En in de werkelijkheid waarin zij leefde en die ik slechts nog vermoed herlees ik haar laatste brief. Nadat ik voor de eerste maal het huis was uitgevlucht, heeft zij hem geschreven, om zich daarna uit te strekken in de dood. Daags na deze nacht die ik beleefde, die niemand ooit kan beleven, voelde ik de brief in mijn zak. En wat ik in mijn herinnering had weergezien door de nevel van het onvatbare, kreeg ineens terug de klare omlijning van haar kamer.
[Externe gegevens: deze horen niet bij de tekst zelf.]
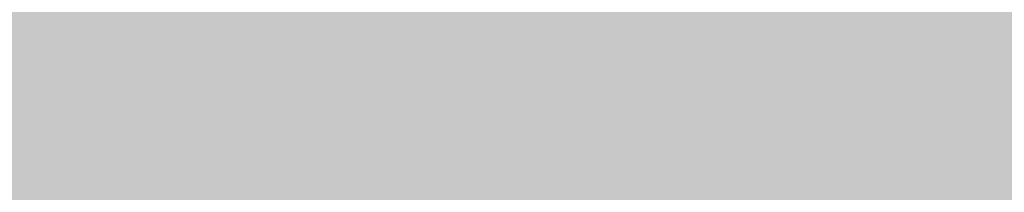
# Model space of a CAD drawing. Units: inches. Extents: x 2091 to 2899, y 967 to 2217.
# Tile 231 of 256: x 2203.4104 to 2203.7172, y 1152.3009 to 1152.3547. Entities that reach past the tile are written whole.
import ezdxf

# ---------------------------------------------------------------- set-up
doc = ezdxf.new("R2010")
doc.units = ezdxf.units.IN
doc.layers.add('A-WALL-PATT', color=141, linetype='Continuous', lineweight=13, true_color=0xadddf7)

msp = doc.modelspace()

# ---------------------------------------------------------------- hatches: boundary and pattern name
at = {"layer": 'A-WALL-PATT'}
h = msp.add_hatch(color=256, dxfattribs=at)
h.dxf.hatch_style = 1
h.paths.add_polyline_path([(2803.1436, 2050.91906), (2203.1436, 2050.91906), (2203.1436, 1090.91906), (2803.1436, 1090.91906)])
h.paths.add_polyline_path([(2635.79885, 1147.54046), (2674.52405, 1147.54046, 0.376086), (2678.52967, 1152.8802), (2678.52967, 1159.55647, 0.333335), (2674.52432, 1163.56185), (2674.52432, 1163.56185), (2674.52432, 1192.93439), (2635.80597, 1192.93439), (2597.08762, 1192.93439), (2597.08762, 1163.56185, 0.333335), (2593.08228, 1159.55647), (2593.08228, 1152.8802, 0.376086), (2597.08789, 1147.54046)], flags=0)
h.paths.add_polyline_path([(2436.01043, 1278.24078, 0.000483), (2435.95264, 1278.21503, -0.001328), (2435.93563, 1278.11169, -0.001711), (2436.11644, 1278.04076, 0.002185)], flags=0)
h.paths.add_polyline_path([(2794.1436, 1143.41906), (2794.1436, 1347.41906), (2543.37017, 1347.41906), (2543.37017, 1351.91906), (2794.1436, 1351.91906), (2794.1436, 1392.71355), (2793.9474, 1392.71355), (2793.9474, 1473.5369), (2794.1436, 1473.5369), (2794.1436, 1531.91906), (2650.1436, 1531.91906), (2650.1436, 1536.41906), (2794.1436, 1536.41906), (2794.1436, 1692.41906), (2609.37561, 1692.41906), (2609.37561, 1644.41906), (2604.87561, 1644.41906), (2604.87561, 1744.91906), (2609.37561, 1744.91906), (2609.37561, 1696.91906), (2794.1436, 1696.91906), (2794.1436, 1780.91906), (2609.6436, 1780.91906), (2493.87561, 1780.91906), (2493.87561, 1785.41906), (2609.6436, 1785.41906), (2794.1436, 1785.41906), (2794.1436, 1847.93882), (2793.95122, 1847.93882), (2793.95122, 1928.76217), (2794.1436, 1928.76217), (2794.1436, 1941.41906), (2614.1436, 1941.41906), (2614.1436, 1821.41906), (2609.6436, 1821.41906), (2609.6436, 1941.41906), (2392.1436, 1941.41906), (2392.1436, 1819.91906), (2387.6436, 1819.91906), (2387.6436, 1941.41906), (2212.1436, 1941.41906), (2212.1436, 1783.91906), (2392.1436, 1783.91906), (2392.1436, 1780.91906), (2212.1436, 1780.91906), (2212.1436, 1629.41906), (2387.6436, 1629.41906), (2387.6436, 1744.91906), (2392.1436, 1744.91906), (2392.1436, 1627.91906), (2317.1436, 1627.91906), (2317.1436, 1551.41906), (2317.1436, 1536.41906), (2459.38359, 1536.41906), (2459.38359, 1602.39648), (2463.88359, 1602.39648), (2463.88359, 1531.91906), (2456.6436, 1531.91906), (2456.6436, 1529.91906), (2452.1436, 1529.91906), (2452.1436, 1531.91906), (2312.6436, 1531.91906), (2312.6436, 1551.41906), (2306.1436, 1551.41906), (2306.1436, 1555.91906), (2308.1436, 1555.91906), (2308.1436, 1551.41906), (2312.6436, 1551.41906), (2312.6436, 1627.91906), (2212.1436, 1627.91906), (2212.1436, 1555.91906), (2270.1436, 1555.91906), (2270.1436, 1551.41906), (2212.1436, 1551.41906), (2212.1436, 1351.91906), (2272.1436, 1351.91906), (2272.1436, 1347.41906), (2212.1436, 1347.41906), (2212.1436, 1275.41906), (2308.1436, 1275.41906), (2308.1436, 1351.91906), (2452.1436, 1351.91906), (2452.1436, 1493.91906), (2456.6436, 1493.91906), (2456.6436, 1347.41906), (2312.6436, 1347.41906), (2312.6436, 1270.91906), (2212.1436, 1270.91906), (2212.1436, 1099.91906), (2281.23752, 1099.91906), (2282.87104, 1110.9138), (2282.00834, 1116.9966), (2278.55774, 1121.4204), (2268.20564, 1128.0562), (2272.08764, 1128.0562), (2273.81294, 1131.927), (2279.42034, 1134.6919), (2285.02784, 1135.2449), (2287.61584, 1137.4568), (2288.04714, 1138.0098), (2289.34114, 1140.7747), (2291.06654, 1139.6687), (2292.36054, 1135.2449), (2295.37984, 1136.9038), (2296.24254, 1135.7979), (2297.10524, 1133.033), (2300.12464, 1138.0098), (2303.14394, 1138.0098), (2304.43794, 1135.7979), (2303.14394, 1133.586), (2306.59464, 1134.6919), (2307.88874, 1133.033), (2310.90804, 1135.2449), (2313.92744, 1134.1389), (2315.62686, 1132.4271), (2308.32004, 1117.5496), (2290.20384, 1109.8079), (2288.90984, 1103.1721), (2289.27231, 1099.91906), (2434.91823, 1099.91906), (2431.59323, 1124.78806), (2429.93023, 1169.55306), (2430.92718, 1240.51969), (2435.65893, 1238.18613), (2437.13523, 1196.55406), (2438.79823, 1143.97306), (2442.67823, 1111.99806), (2446.55823, 1099.91906), (2794.1436, 1099.91906), (2794.1436, 1138.91906), (2548.03245, 1138.91906), (2548.03245, 1143.41906), (2548.03245, 1148.81906), (2546.66846, 1148.03156), (2528.68569, 1179.17862, 0.256256), (2512.03245, 1148.81906), (2512.03245, 1143.41906), (2512.03245, 1138.91906), (2507.53245, 1138.91906), (2507.53245, 1143.41906), (2507.53245, 1148.81906, 0.256256), (2490.8792, 1179.17862), (2472.89644, 1148.03156), (2471.53245, 1148.81906), (2471.53245, 1143.41906), (2467.03245, 1143.41906), (2467.03245, 1269.94579, 0.039061), (2460.90999, 1273.58006), (2467.03245, 1273.58006), (2467.03245, 1286.32536, 0.014511), (2465.21619, 1286.76191), (2467.03245, 1287.05258), (2467.03245, 1323.41906), (2471.53245, 1323.41906), (2471.53245, 1148.81906), (2489.53245, 1179.99597), (2490.89644, 1179.20847), (2490.8792, 1179.17862, -0.256256), (2507.53245, 1148.81906), (2507.53245, 1143.41906), (2512.03245, 1143.41906), (2512.03245, 1148.81906, -0.256256), (2528.68569, 1179.17862), (2528.66846, 1179.20847), (2530.03245, 1179.99597), (2548.03245, 1148.81906), (2548.03245, 1143.41906)], flags=16)
h.paths.add_polyline_path([(2607.76855, 1200.94508), (2607.76855, 1265.03063), (2597.08762, 1281.05201), (2619.78459, 1281.05201), (2627.79528, 1337.12686), (2635.79885, 1337.12686), (2643.81666, 1337.12686), (2651.82736, 1281.05201), (2674.52432, 1281.05201), (2663.8434, 1265.03063), (2663.8434, 1200.94508), (2635.80597, 1200.94508)], flags=0)
edge = h.paths.add_edge_path(flags=0)
edge.add_ellipse((13303.89622, 1272.99872), major_axis=(-10595.31304, 0), ratio=0.84230387009, start_angle=0.628237219, end_angle=0.6465541, ccw=False)
edge.add_ellipse((2711.70045, 1156.85268), major_axis=(2.21977, 0), ratio=0.8423039, start_angle=111.53524, end_angle=180.62824, ccw=False)
edge.add_ellipse((13303.15629, 1272.99872), major_axis=(-10593.02631, 0), ratio=0.84230386954, start_angle=0.528271472, end_angle=0.646554097, ccw=False)
edge.add_line((2710.7646, 1175.3333), (2710.12999, 1175.3333))
edge.add_ellipse((2710.12999, 1176.57978), major_axis=(1.47985, 0), ratio=0.8423039, start_angle=180, end_angle=270, ccw=False)
edge.add_line((2708.65014, 1176.57978), (2708.65014, 1200.78291))
edge.add_ellipse((2710.12999, 1200.78291), major_axis=(1.47985, 0), ratio=0.8423039, start_angle=90, end_angle=180, ccw=False)
edge.add_line((2710.12999, 1202.02939), (2710.46508, 1202.02939))
edge.add_ellipse((13303.15629, 1272.99872), major_axis=(-10593.02631, 0), ratio=0.84230386954, start_angle=-0.090229089, end_angle=0.383866779, ccw=False)
edge.add_ellipse((2710.12999, 1290.92703), major_axis=(-1.47985, 0), ratio=0.8423039, start_angle=0, end_angle=90, ccw=False)
edge.add_line((2708.65014, 1290.92703), (2708.65014, 1315.13017))
edge.add_ellipse((2710.12999, 1315.13017), major_axis=(-1.47985, 0), ratio=0.8423039, start_angle=-90, end_angle=0, ccw=False)
edge.add_line((2710.12999, 1316.37665), (2710.70631, 1316.37665))
edge.add_ellipse((3238.40172, 1296.28957), major_axis=(528.234, 0), ratio=0.84230387, start_angle=176.3495724, end_angle=177.8200497, ccw=False)
edge.add_ellipse((2775.06304, 1071.4507), major_axis=(313.30776, 0), ratio=0.84230387, start_angle=102.1259656, end_angle=103.780529, ccw=False)
edge.add_ellipse((2775.06304, 1078.3057), major_axis=(-305.30289, 0), ratio=0.84230387, start_angle=-79.790461, end_angle=-77.5553727, ccw=False)
edge.add_ellipse((2695.14177, 1541.97538), major_axis=(-250.96022, 0), ratio=0.84230387, start_angle=99.256566, end_angle=102.5549326)
edge.add_line((2741.41033, 1334.21426), (2747.13255, 1337.37848))
edge.add_ellipse((2747.53862, 1336.85748), major_axis=(-0.73992, 0), ratio=0.842304, start_angle=270, end_angle=307.93313, ccw=False)
edge.add_ellipse((2747.53862, 1336.85748), major_axis=(-0.73992, 0), ratio=0.842304, start_angle=232.06687, end_angle=270, ccw=False)
edge.add_line((2747.94469, 1337.37848), (2753.66691, 1334.21426))
edge.add_ellipse((2799.93547, 1541.97538), major_axis=(250.96022, 0), ratio=0.84230387, start_angle=257.4450674, end_angle=260.743434)
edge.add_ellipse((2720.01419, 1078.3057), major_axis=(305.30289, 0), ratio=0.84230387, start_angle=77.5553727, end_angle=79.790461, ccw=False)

Aan de kleine secretaire had zij neergezeten en zij schreef haar afscheidsbrief aan de dode. De brief was geadresseerd aan een Engels officier van het veldleger, zij had een brief naar het Engels front geschreven. Alles duizelde rondom mij toen ik dit zag. De wereld van haast twintig jaar geleden bestond nog voor haar, en zij schreef aan haar ‘darling’ van wie zij nu in die nacht de verwonding wist. Zij schreef uit de pijn van haar hart, met eenvoudige angstige woorden van | |
| |
liefde. En toen de brief geschreven was, had zij zich neergelegd om te sterven.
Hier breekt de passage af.